Capital growth AND rising yields. Where do I sign?
2. yorkshireman said...
House prices will rise again ? Presumably wages will rise too and large amounts of money will suddenly be available to lend. Assetz may be living in hope, but they will die in despair.
3. Bimlam said...
did anyone proof read that article? it looks like it was typed in about ten seconds...
4. Bananasplit said...
You have already got 300,000 or maybe 500,000 properties on the market. New builds in my area have already got signs up saying huge discounts available and this is on the dorset/hampshire border.
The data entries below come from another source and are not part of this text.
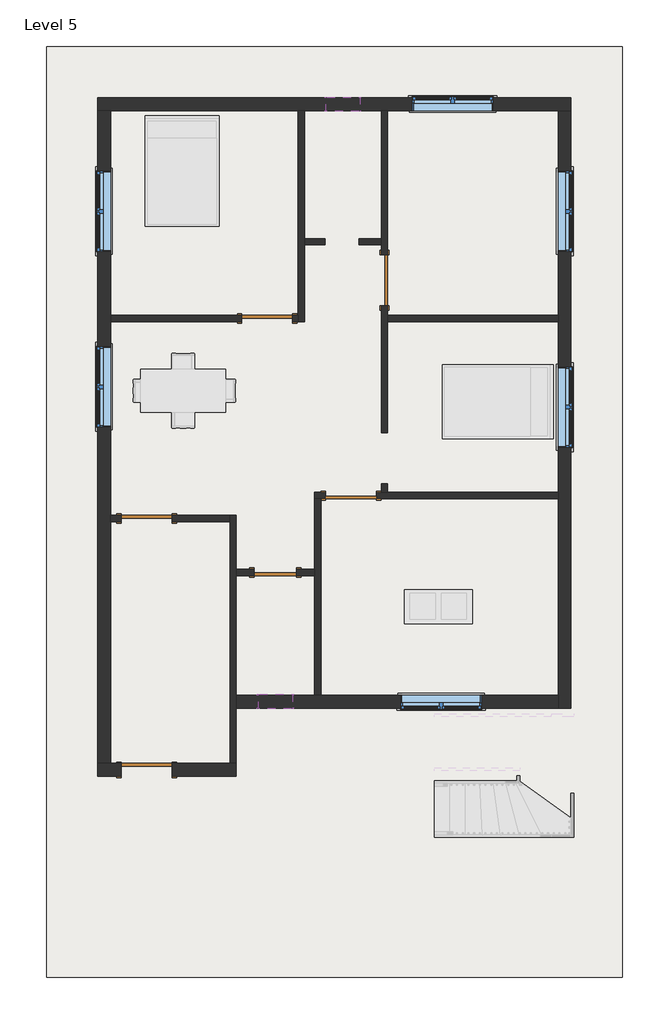
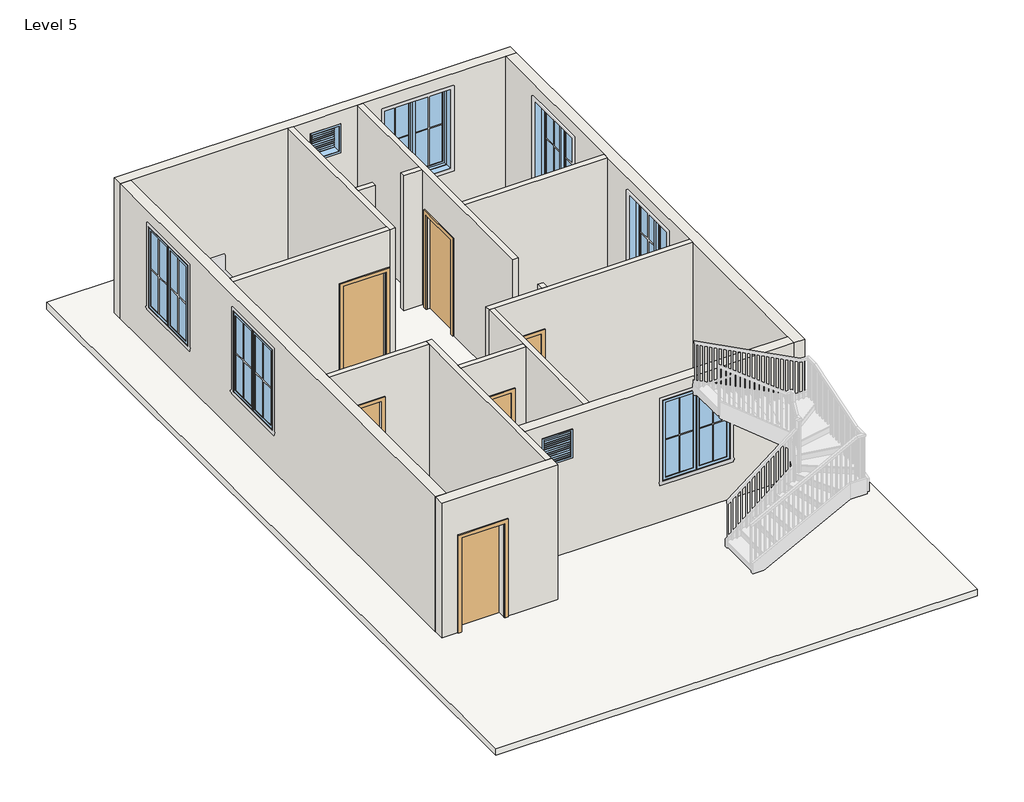
# One storey, part 1 of 3: 17 walls, 8 windows, 6 doors, 1 roof.
"""IFC4 building model written with IfcOpenShell, lengths in millimetres."""

from ifc_helpers import new_model, si_unit, frame, origin, place, context, project, spatial, polyline, outline, extrude, faceted_brep, transform, mapped, element, save
from components import door_214872d5, single_flush_door_3_e5f9f3c4, single_flush_door_3_305aa2a5, single_flush_door_3_a90ba1ad, window_9ac97e1a, window_f2d8fef0

model = new_model("IFC4")

# Units and contexts
model_context = context("Model", 3, world=origin())
ifc_project = project(units=[si_unit("LENGTHUNIT", "METRE", prefix="MILLI")], contexts=[model_context])

# Site, building, storey
site = spatial("IfcSite", under=ifc_project)
building = spatial("IfcBuilding", under=site)
storey = spatial("IfcBuildingStorey", under=building, Name="Level 5", Elevation=9601.2)

# Doors
placement = place(None, origin())
door_shape = door_214872d5(model_context)
element("IfcDoor", 1, ObjectType="Single-Flush : DOOR 2'6\"", at=placement, inside=storey, context=model_context, shape_type="MappedRepresentation", body=[
    mapped(door_shape, transform((-2309.3144966, -2885.2590409, 9601.2), x_axis=(-1.0, 0.0, 0.0), y_axis=(0.0, -1.0, 0.0), z_axis=(0.0, 0.0, 1.0))),
])
single_flush_door_3_shape = single_flush_door_3_e5f9f3c4(model_context)
element("IfcDoor", 2, ObjectType="Single-Flush : DOOR 3'", at=placement, inside=storey, context=model_context, shape_type="MappedRepresentation", body=[
    mapped(single_flush_door_3_shape, transform((-2455.3644966, 1648.6409591, 9601.2), x_axis=(1.0, 0.0, 0.0), y_axis=(0.0, 1.0, 0.0), z_axis=(0.0, 0.0, 1.0))),
])
element("IfcDoor", 3, ObjectType="Single-Flush : DOOR 3'", at=placement, inside=storey, context=model_context, shape_type="MappedRepresentation", body=[
    mapped(single_flush_door_3_shape, transform((-359.8644966, 2334.4409591, 9601.2), x_axis=(0.0, -1.0, 0.0), y_axis=(1.0, 0.0, 0.0), z_axis=(0.0, 0.0, 1.0))),
])
element("IfcDoor", 4, ObjectType="Single-Flush : DOOR 3'", at=placement, inside=storey, context=model_context, shape_type="MappedRepresentation", body=[
    mapped(single_flush_door_3_shape, transform((-956.7644966, -1513.6590409, 9601.2), x_axis=(-1.0, 0.0, 0.0), y_axis=(0.0, -1.0, 0.0), z_axis=(0.0, 0.0, 1.0))),
])
single_flush_door_3_2_shape = single_flush_door_3_305aa2a5(model_context)
element("IfcDoor", 5, ObjectType="Single-Flush : DOOR 3'", at=placement, inside=storey, context=model_context, shape_type="MappedRepresentation", body=[
    mapped(single_flush_door_3_2_shape, transform((-4608.0144966, -1920.0590409, 9601.2), x_axis=(-1.0, 0.0, 0.0), y_axis=(0.0, -1.0, 0.0), z_axis=(0.0, 0.0, 1.0))),
])
single_flush_door_3_3_shape = single_flush_door_3_a90ba1ad(model_context)
element("IfcDoor", 6, ObjectType="Single-Flush : DOOR 3'", at=placement, inside=storey, context=model_context, shape_type="MappedRepresentation", body=[
    mapped(single_flush_door_3_3_shape, transform((-4608.0144966, -6409.5090409, 9601.2), x_axis=(-1.0, 0.0, 0.0), y_axis=(0.0, -1.0, 0.0), z_axis=(0.0, 0.0, 1.0))),
])

# Roof
element("IfcRoof", 7, ObjectType="ROOF 6\"", at=placement, inside=storey, context=model_context, shape_type="SweptSolid", body=[
    extrude(outline(polyline([(-6398.7144966, 6506.3909591), (3888.2855034, 6506.3909591), (3888.2855034, -10115.6142473), (-6398.7144966, -10115.6142473), (-6398.7144966, 6506.3909591)])), frame((0.0, 0.0, 9448.8), z_axis=(0.0, 0.0, 1.0), x_axis=(1.0, 0.0, 0.0)), (0.0, 0.0, 1.0), 152.4),
])

# Walls
element("IfcWall", 8, ObjectType="WALL 4.5\"", at=placement, inside=storey, context=model_context, shape_type="Brep", body=[
    faceted_brep([(-1902.9144966, 5363.3909591, 9601.2), (-1902.9144966, 1705.7909591, 9601.2), (-1902.9144966, 1591.4909591, 9601.2), (-1902.9144966, 1591.4909591, 12649.2), (-1902.9144966, 1705.7909591, 12649.2), (-1902.9144966, 5363.3909591, 12649.2), (-1788.6144966, 5363.3909591, 9601.2), (-1788.6144966, 5363.3909591, 12649.2), (-1788.6144966, 3077.3909591, 12649.2), (-1788.6144966, 2963.0909591, 12649.2), (-1788.6144966, 1591.4909591, 12649.2), (-1788.6144966, 1591.4909591, 9601.2), (-1788.6144966, 2963.0909591, 9601.2), (-1788.6144966, 3077.3909591, 9601.2)], [[[0, 1, 2, 3, 4, 5]], [[6, 7, 8, 9, 10, 11, 12, 13]], [[2, 1, 0, 6, 13, 12, 11]], [[0, 5, 7, 6]], [[3, 2, 11, 10]], [[5, 4, 3, 10, 9, 8, 7]]]),
])
element("IfcWall", 9, ObjectType="WALL 4.5\"", at=placement, inside=storey, context=model_context, shape_type="SweptSolid", body=[
    extrude(outline(polyline([(11734.8, -1998.1644966), (9601.2, -1998.1644966), (9601.2, -1902.9144966), (12649.2, -1902.9144966), (12649.2, -5255.7144966), (9601.2, -5255.7144966), (9601.2, -2912.5644966), (11734.8, -2912.5644966), (11734.8, -1998.1644966)])), frame((0.0, 1591.4909591, 0.0), z_axis=(0.0, 1.0, 0.0), x_axis=(0.0, 0.0, 1.0)), (0.0, 0.0, 1.0), 114.3),
])
element("IfcWall", 10, ObjectType="WALL 4.5\"", at=placement, inside=storey, context=model_context, shape_type="Brep", body=[
    faceted_brep([(-417.0144966, 1877.2409591, 11734.8), (-417.0144966, 1877.2409591, 9601.2), (-417.0144966, -389.7090409, 9601.2), (-417.0144966, -389.7090409, 12649.2), (-417.0144966, 2963.0909591, 12649.2), (-417.0144966, 3077.3909591, 12649.2), (-417.0144966, 5363.3909591, 12649.2), (-417.0144966, 5363.3909591, 9601.2), (-417.0144966, 3077.3909591, 9601.2), (-417.0144966, 2963.0909591, 9601.2), (-417.0144966, 2791.6409591, 9601.2), (-417.0144966, 2791.6409591, 11734.8), (-302.7144966, -389.7090409, 9601.2), (-302.7144966, 1591.4909591, 9601.2), (-302.7144966, 1705.7909591, 9601.2), (-302.7144966, 1877.2409591, 9601.2), (-302.7144966, 1877.2409591, 11734.8), (-302.7144966, 2791.6409591, 11734.8), (-302.7144966, 2791.6409591, 9601.2), (-302.7144966, 5363.3909591, 9601.2), (-302.7144966, 5363.3909591, 12649.2), (-302.7144966, 1705.7909591, 12649.2), (-302.7144966, 1591.4909591, 12649.2), (-302.7144966, -389.7090409, 12649.2)], [[[0, 1, 2, 3, 4, 5, 6, 7, 8, 9, 10, 11]], [[12, 13, 14, 15, 16, 17, 18, 19, 20, 21, 22, 23]], [[2, 1, 15, 14, 13, 12]], [[10, 9, 8, 7, 19, 18]], [[3, 2, 12, 23]], [[7, 6, 20, 19]], [[16, 15, 1, 0]], [[17, 16, 0, 11]], [[18, 17, 11, 10]], [[6, 5, 4, 3, 23, 22, 21, 20]]]),
])
element("IfcWall", 11, ObjectType="WALL 4.5\"", at=placement, inside=storey, context=model_context, shape_type="SweptSolid", body=[
    extrude(outline(polyline([(-302.7144966, 1705.7909591), (2745.2855034, 1705.7909591), (2745.2855034, 1591.4909591), (-302.7144966, 1591.4909591), (-302.7144966, 1705.7909591)])), frame((0.0, 0.0, 9601.2), z_axis=(0.0, 0.0, 1.0), x_axis=(1.0, 0.0, 0.0)), (0.0, 0.0, 1.0), 3048.0),
])
element("IfcWall", 12, ObjectType="WALL 4.5\"", at=placement, inside=storey, context=model_context, shape_type="SweptSolid", body=[
    extrude(outline(polyline([(-1423.1234474, 2963.0909591), (-1788.6144966, 2963.0909591), (-1788.6144966, 3077.3909591), (-1423.1234474, 3077.3909591), (-1423.1234474, 2963.0909591)])), frame((0.0, 0.0, 9601.2), z_axis=(0.0, 0.0, 1.0), x_axis=(1.0, 0.0, 0.0)), (0.0, 0.0, 1.0), 3048.0),
])
element("IfcWall", 13, ObjectType="WALL 4.5\"", at=placement, inside=storey, context=model_context, shape_type="Brep", body=[
    faceted_brep([(-1413.9644966, -1456.5090409, 11734.8), (-1413.9644966, -1456.5090409, 9601.2), (-1610.8144966, -1456.5090409, 9601.2), (-1610.8144966, -1456.5090409, 12649.2), (-417.0144966, -1456.5090409, 12649.2), (-302.7144966, -1456.5090409, 12649.2), (2745.2855034, -1456.5090409, 12649.2), (2745.2855034, -1456.5090409, 9601.2), (-302.7144966, -1456.5090409, 9601.2), (-417.0144966, -1456.5090409, 9601.2), (-499.5644966, -1456.5090409, 9601.2), (-499.5644966, -1456.5090409, 11734.8), (-1610.8144966, -1570.8090409, 9601.2), (-1496.5144966, -1570.8090409, 9601.2), (-1413.9644966, -1570.8090409, 9601.2), (-1413.9644966, -1570.8090409, 11734.8), (-499.5644966, -1570.8090409, 11734.8), (-499.5644966, -1570.8090409, 9601.2), (2745.2855034, -1570.8090409, 9601.2), (2745.2855034, -1570.8090409, 12649.2), (-1496.5144966, -1570.8090409, 12649.2), (-1610.8144966, -1570.8090409, 12649.2)], [[[0, 1, 2, 3, 4, 5, 6, 7, 8, 9, 10, 11]], [[12, 13, 14, 15, 16, 17, 18, 19, 20, 21]], [[2, 1, 14, 13, 12]], [[10, 9, 8, 7, 18, 17]], [[7, 6, 19, 18]], [[3, 2, 12, 21]], [[15, 14, 1, 0]], [[16, 15, 0, 11]], [[17, 16, 11, 10]], [[6, 5, 4, 3, 21, 20, 19]]]),
])
element("IfcWall", 14, ObjectType="WALL 4.5\"", at=placement, inside=storey, context=model_context, shape_type="SweptSolid", body=[
    extrude(outline(polyline([(-302.7144966, -1304.1090409), (-302.7144966, -1456.5090409), (-417.0144966, -1456.5090409), (-417.0144966, -1304.1090409), (-302.7144966, -1304.1090409)])), frame((0.0, 0.0, 9601.2), z_axis=(0.0, 0.0, 1.0), x_axis=(1.0, 0.0, 0.0)), (0.0, 0.0, 1.0), 3048.0),
])
element("IfcWall", 15, ObjectType="WALL 4.5\"", at=placement, inside=storey, context=model_context, shape_type="Brep", body=[
    faceted_brep([(-1610.8144966, -1570.8090409, 9601.2), (-1610.8144966, -2828.1090409, 9601.2), (-1610.8144966, -2942.4090409, 9601.2), (-1610.8144966, -5076.0090409, 9601.2), (-1610.8144966, -5076.0090409, 12649.2), (-1610.8144966, -2942.4090409, 12649.2), (-1610.8144966, -2828.1090409, 12649.2), (-1610.8144966, -1570.8090409, 12649.2), (-1496.5144966, -1570.8090409, 9601.2), (-1496.5144966, -1570.8090409, 12649.2), (-1496.5144966, -5076.0090409, 12649.2), (-1496.5144966, -5076.0090409, 9601.2)], [[[0, 1, 2, 3, 4, 5, 6, 7]], [[8, 9, 10, 11]], [[3, 2, 1, 0, 8, 11]], [[0, 7, 9, 8]], [[4, 3, 11, 10]], [[7, 6, 5, 4, 10, 9]]]),
])
element("IfcWall", 16, ObjectType="WALL 4.5\"", at=placement, inside=storey, context=model_context, shape_type="SweptSolid", body=[
    extrude(outline(polyline([(9601.2, -3007.8144966), (9601.2, -2690.3144966), (11734.8, -2690.3144966), (11734.8, -1928.3144966), (9601.2, -1928.3144966), (9601.2, -1610.8144966), (12649.2, -1610.8144966), (12649.2, -3007.8144966), (9601.2, -3007.8144966)])), frame((0.0, -2942.4090409, 0.0), z_axis=(0.0, 1.0, 0.0), x_axis=(0.0, 0.0, 1.0)), (0.0, 0.0, 1.0), 114.3),
])
element("IfcWall", 17, ObjectType="WALL 4.5\"", at=placement, inside=storey, context=model_context, shape_type="Brep", body=[
    faceted_brep([(-3007.8144966, -6295.2090409, 9601.2), (-3007.8144966, -5304.6090409, 9601.2), (-3007.8144966, -5076.0090409, 9601.2), (-3007.8144966, -2942.4090409, 9601.2), (-3007.8144966, -2828.1090409, 9601.2), (-3007.8144966, -1862.9090409, 9601.2), (-3007.8144966, -1862.9090409, 12649.2), (-3007.8144966, -2828.1090409, 12649.2), (-3007.8144966, -2942.4090409, 12649.2), (-3007.8144966, -5076.0090409, 12649.2), (-3007.8144966, -5304.6090409, 12649.2), (-3007.8144966, -6295.2090409, 12649.2), (-3122.1144966, -6295.2090409, 9601.2), (-3122.1144966, -6295.2090409, 12649.2), (-3122.1144966, -1977.2090409, 12649.2), (-3122.1144966, -1862.9090409, 12649.2), (-3122.1144966, -1862.9090409, 9601.2), (-3122.1144966, -1977.2090409, 9601.2)], [[[0, 1, 2, 3, 4, 5, 6, 7, 8, 9, 10, 11]], [[12, 13, 14, 15, 16, 17]], [[5, 4, 3, 2, 1, 0, 12, 17, 16]], [[0, 11, 13, 12]], [[6, 5, 16, 15]], [[11, 10, 9, 8, 7, 6, 15, 14, 13]]]),
])
element("IfcWall", 18, ObjectType="WALL 4.5\"", at=placement, inside=storey, context=model_context, shape_type="SweptSolid", body=[
    extrude(outline(polyline([(9601.2, -5255.7144966), (9601.2, -5065.2144966), (11734.8, -5065.2144966), (11734.8, -4150.8144966), (9601.2, -4150.8144966), (9601.2, -3122.1144966), (12649.2, -3122.1144966), (12649.2, -5255.7144966), (9601.2, -5255.7144966)])), frame((0.0, -1977.2090409, 0.0), z_axis=(0.0, 1.0, 0.0), x_axis=(0.0, 0.0, 1.0)), (0.0, 0.0, 1.0), 114.3),
])
element("IfcWall", 19, ObjectType="WALL 4.5\"", at=placement, inside=storey, context=model_context, shape_type="SweptSolid", body=[
    extrude(outline(polyline([(-417.0144966, 2963.0909591), (-814.3659123, 2963.0909591), (-814.3659123, 3077.3909591), (-417.0144966, 3077.3909591), (-417.0144966, 2963.0909591)])), frame((0.0, 0.0, 9601.2), z_axis=(0.0, 0.0, 1.0), x_axis=(1.0, 0.0, 0.0)), (0.0, 0.0, 1.0), 3048.0),
])
element("IfcWall", 20, ObjectType="WALL 9\"", at=placement, inside=storey, context=model_context, shape_type="Brep", body=[
    faceted_brep([(-5484.3144966, 5363.3909591, 9601.2), (-5255.7144966, 5363.3909591, 9601.2), (-1902.9144966, 5363.3909591, 9601.2), (-1788.6144966, 5363.3909591, 9601.2), (-417.0144966, 5363.3909591, 9601.2), (-302.7144966, 5363.3909591, 9601.2), (2745.2855034, 5363.3909591, 9601.2), (2973.8855034, 5363.3909591, 9601.2), (2973.8855034, 5363.3909591, 12649.2), (2745.2855034, 5363.3909591, 12649.2), (-302.7144966, 5363.3909591, 12649.2), (-417.0144966, 5363.3909591, 12649.2), (-1788.6144966, 5363.3909591, 12649.2), (-1902.9144966, 5363.3909591, 12649.2), (-5255.7144966, 5363.3909591, 12649.2), (-5484.3144966, 5363.3909591, 12649.2), (1583.2355034, 5363.3909591, 12344.4), (1583.2355034, 5363.3909591, 10515.6), (135.4355034, 5363.3909591, 10515.6), (135.4355034, 5363.3909591, 12344.4), (-1407.6144966, 5363.3909591, 12344.4), (-798.0144966, 5363.3909591, 12344.4), (-798.0144966, 5363.3909591, 11734.8), (-1407.6144966, 5363.3909591, 11734.8), (-5484.3144966, 5591.9909591, 9601.2), (-5484.3144966, 5591.9909591, 12649.2), (2973.8855034, 5591.9909591, 12649.2), (2973.8855034, 5591.9909591, 9601.2), (1583.2355034, 5591.9909591, 12344.4), (135.4355034, 5591.9909591, 12344.4), (135.4355034, 5591.9909591, 10515.6), (1583.2355034, 5591.9909591, 10515.6), (-1407.6144966, 5591.9909591, 12344.4), (-1407.6144966, 5591.9909591, 11734.8), (-798.0144966, 5591.9909591, 11734.8), (-798.0144966, 5591.9909591, 12344.4)], [[[0, 1, 2, 3, 4, 5, 6, 7, 8, 9, 10, 11, 12, 13, 14, 15], [16, 17, 18, 19], [20, 21, 22, 23]], [[24, 25, 26, 27], [28, 29, 30, 31], [32, 33, 34, 35]], [[7, 6, 5, 4, 3, 2, 1, 0, 24, 27]], [[8, 7, 27, 26]], [[0, 15, 25, 24]], [[17, 16, 28, 31]], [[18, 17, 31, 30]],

I think that the country is going to have more serious problems than house deflation over the next year or two including empty shelves at the supermarkets, Inflation around the globe combined with credit starvation will lead to worldwide disruption creating serious issues in all economies with some countries like russia having to raise extra revenue by doubling gas etc.More luxurious products will disappear with china and india benefitting from cheaper products. At home mortgage arrears will reach epidemic levels and this will also spill over into rentals where the courts will have a dilemma with thousands of families already homeless with no social housing.doom and gloom.
5. hpwatcher said...
silly sod still refers to the 'supply and demand' myth,
6. Stevie Dee said...
"It is clear it is existing landlords who will benefit from huge income rises."
I really don't think so.. this is the same guy that's been saying everything will be fine.. stick to picking horses mate.. you are a scarey man.. keep him away from the children.
7. David Hurst said...
Stuart Law from Assetz did you say?
I thought Assetz had gone bust and Stuart Law was doing the rounds of the working mens clubs as a comedy act.
8. it_is_going_with_a_bang said...
"rents rising extermely strongly" bla bla "huge income rises."
Yeh yeh keep it coming Stuart.
People have to earn the money before they can pay huge increases. In a recession it is unlikely to be possible.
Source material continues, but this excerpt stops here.